Analysis Questions KEY
1. When you cut the genes with the scissors, what did the scissors represent? They represented restriction enzymes. In this case they
represented HaeIII.
2. Before running a gel, we run PCR. How did we simulate the PCR process in this lab? (Hint, there’s a reason you were in TEAMS)
We simulated it by having several team members, all with the same samples of DNA. When we run PCR, that makes COPIES of the DNA, so
you have lots of copies when you run a gel.
3. Your teacher tells you that a heterozygous person will always have the most RFLPs when running a gel. Explain why, using what you learned
from this activity.
A heterozygous person has a copy of the dominant allele and a copy of the recessive allele, so she’ll have RFLPs for each. You add the
number of RFLPs for the dominant gene with the number for the recessive gene and that will be the number for the heterozygous person.
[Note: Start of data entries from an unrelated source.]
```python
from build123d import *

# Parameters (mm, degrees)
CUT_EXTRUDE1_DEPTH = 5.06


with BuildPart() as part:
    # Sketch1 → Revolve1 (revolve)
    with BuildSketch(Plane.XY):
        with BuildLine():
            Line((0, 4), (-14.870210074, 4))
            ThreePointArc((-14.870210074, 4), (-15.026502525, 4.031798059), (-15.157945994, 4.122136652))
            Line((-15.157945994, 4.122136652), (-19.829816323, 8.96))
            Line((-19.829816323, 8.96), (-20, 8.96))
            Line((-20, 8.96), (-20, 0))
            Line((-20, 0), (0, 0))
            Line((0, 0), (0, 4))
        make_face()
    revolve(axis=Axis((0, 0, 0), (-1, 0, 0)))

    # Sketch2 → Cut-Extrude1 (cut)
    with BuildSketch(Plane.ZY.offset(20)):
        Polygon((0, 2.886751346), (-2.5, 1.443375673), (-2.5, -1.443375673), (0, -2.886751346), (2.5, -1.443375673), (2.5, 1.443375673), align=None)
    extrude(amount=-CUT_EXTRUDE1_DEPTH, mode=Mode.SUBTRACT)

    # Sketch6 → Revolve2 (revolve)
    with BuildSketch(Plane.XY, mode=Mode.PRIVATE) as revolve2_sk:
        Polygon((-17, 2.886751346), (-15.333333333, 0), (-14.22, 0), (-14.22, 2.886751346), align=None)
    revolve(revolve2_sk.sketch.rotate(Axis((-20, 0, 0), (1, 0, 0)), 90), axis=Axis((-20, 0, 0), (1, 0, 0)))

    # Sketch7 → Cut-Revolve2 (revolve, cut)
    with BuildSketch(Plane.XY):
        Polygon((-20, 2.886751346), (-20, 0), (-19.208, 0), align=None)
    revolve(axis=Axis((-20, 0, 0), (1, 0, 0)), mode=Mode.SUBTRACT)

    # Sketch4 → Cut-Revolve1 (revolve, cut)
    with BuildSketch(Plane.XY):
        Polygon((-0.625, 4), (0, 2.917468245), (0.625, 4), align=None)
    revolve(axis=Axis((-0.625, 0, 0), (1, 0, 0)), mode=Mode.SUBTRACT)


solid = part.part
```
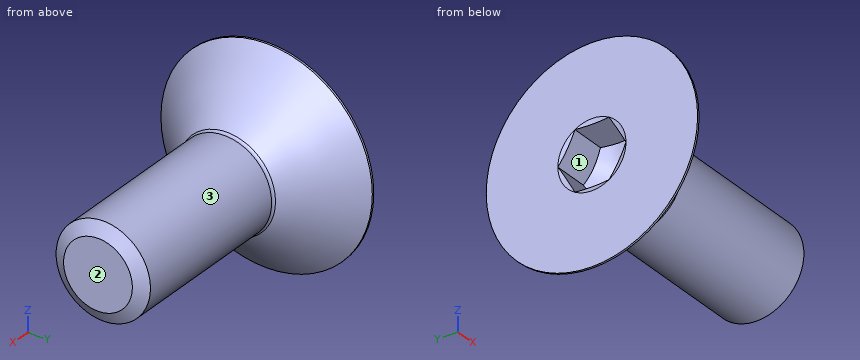
Can you work these out from the model? Positions are in its coordinate system, mm. Face numbers are marked on the shaded views. A direction names the side the tool comes from. Coordinates: 2 decimals unless noted, no trailing zeros. Loops run counter-clockwise (first coordinate to the right, second up) from the corner with the lowest first, then second, coordinate; pieces in that order, holes last. Notation, with made-up numbers: (38, -30) - (97, -30) arc R31 ccw to (97, 2) - close; hole circle Ø10 at (73, -32.5). An arc over 180 degrees is marked (long way). Use a Markdown table: item, result.
Item 1: If I drill on probe 1 along Z at (x, y) = (-3.25, 1); probe 2 along Z at (x, y) = (-18.5, -4); probe 3 along X at (y, z) = (7.5, 0.5), over which ranges is the centre line in solid material (lowest first)? Write a range as from..to.
Numbers:
| item | result |
|---|---|
| probe 1 | z = -3.87..3.87 |
| probe 2 | z = -6.44..6.44 |
| probe 3 | x = -20..-18.44 |
Item 2: For the marked faces 1, 2 and 3, which set-ups out of +Z, -Z, +X, -X, +Y, -Y let a thin tool reach every point of the face, with its end or its side?
Numbers:
| item | result |
|---|---|
| face 1 | -X |
| face 2 | +Z, -Z, +X, +Y, -Y |
| face 3 | +X |
Item 3: I want a section at A-A on x = -8.75. Please give me the cut outline in (y, z), and give its area (3 significant figures).
Numbers:
| item | result |
|---|---|
| outline | circle Ø8 at (0, 0) |
| area | 50.3 mm2 |
Item 4: Will these pins go through, and if not, where does the flat tip stop? pin 1 (1.5 mm diameter, centred on y = 5.5, z = -3, fed in from +X); pin 2 (3 mm diameter, centred on x = -18, y = -0.5, fed in from +Z); pin 3 (3 mm diameter, centred on y = 1, z = 7, fed in from +X).
Numbers:
| item | result |
|---|---|
| pin 1 | stops at x = -16.5 |
| pin 2 | stops at z = 8.61 |
| pin 3 | stops at x = -16.56 |
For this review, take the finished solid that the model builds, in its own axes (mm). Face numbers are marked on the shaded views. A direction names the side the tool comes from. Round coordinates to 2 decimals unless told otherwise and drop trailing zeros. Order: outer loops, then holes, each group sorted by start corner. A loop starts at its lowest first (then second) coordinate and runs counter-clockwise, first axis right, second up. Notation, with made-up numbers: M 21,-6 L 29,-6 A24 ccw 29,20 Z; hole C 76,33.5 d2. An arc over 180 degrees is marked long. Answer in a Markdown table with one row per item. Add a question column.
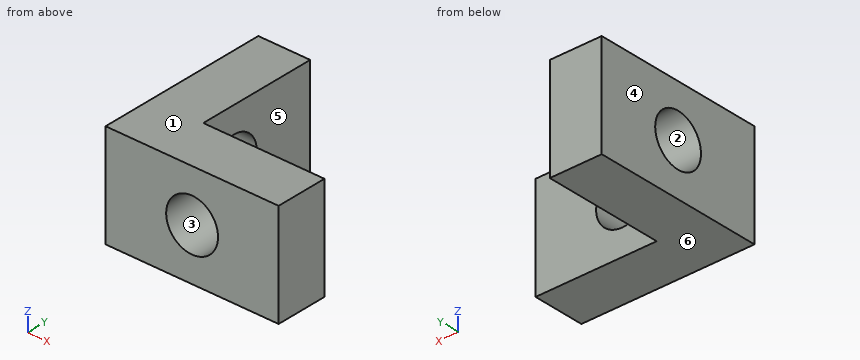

4. A fellow student wants to take all the DNA pieces that are the same size and lay them one below the other on the gel (like lines of text in a
book), rather than stacking them. He says you’ll be able to see them better. Is that a good idea? Why or why not?
It’s not a good idea. The strips are the same length and have the same weight. Therefore they’ll travel the same distance on the gel and
will end up on top of each other. Laying them one below the other makes it look like they traveled different distances.
5. During a lab, you forgot to add restriction enzymes to a sample containing DNA with the genotype Dd. How many RFLPs would you see on
the gel and why? What genotype would they THINK they had based on the gel? And why?
You would see ONE RFLP because the DNA wouldn’t have gotten cut, so it would be one big piece. It would look like dd because that gene
didn’t get cut, so it was still 100 base pairs long.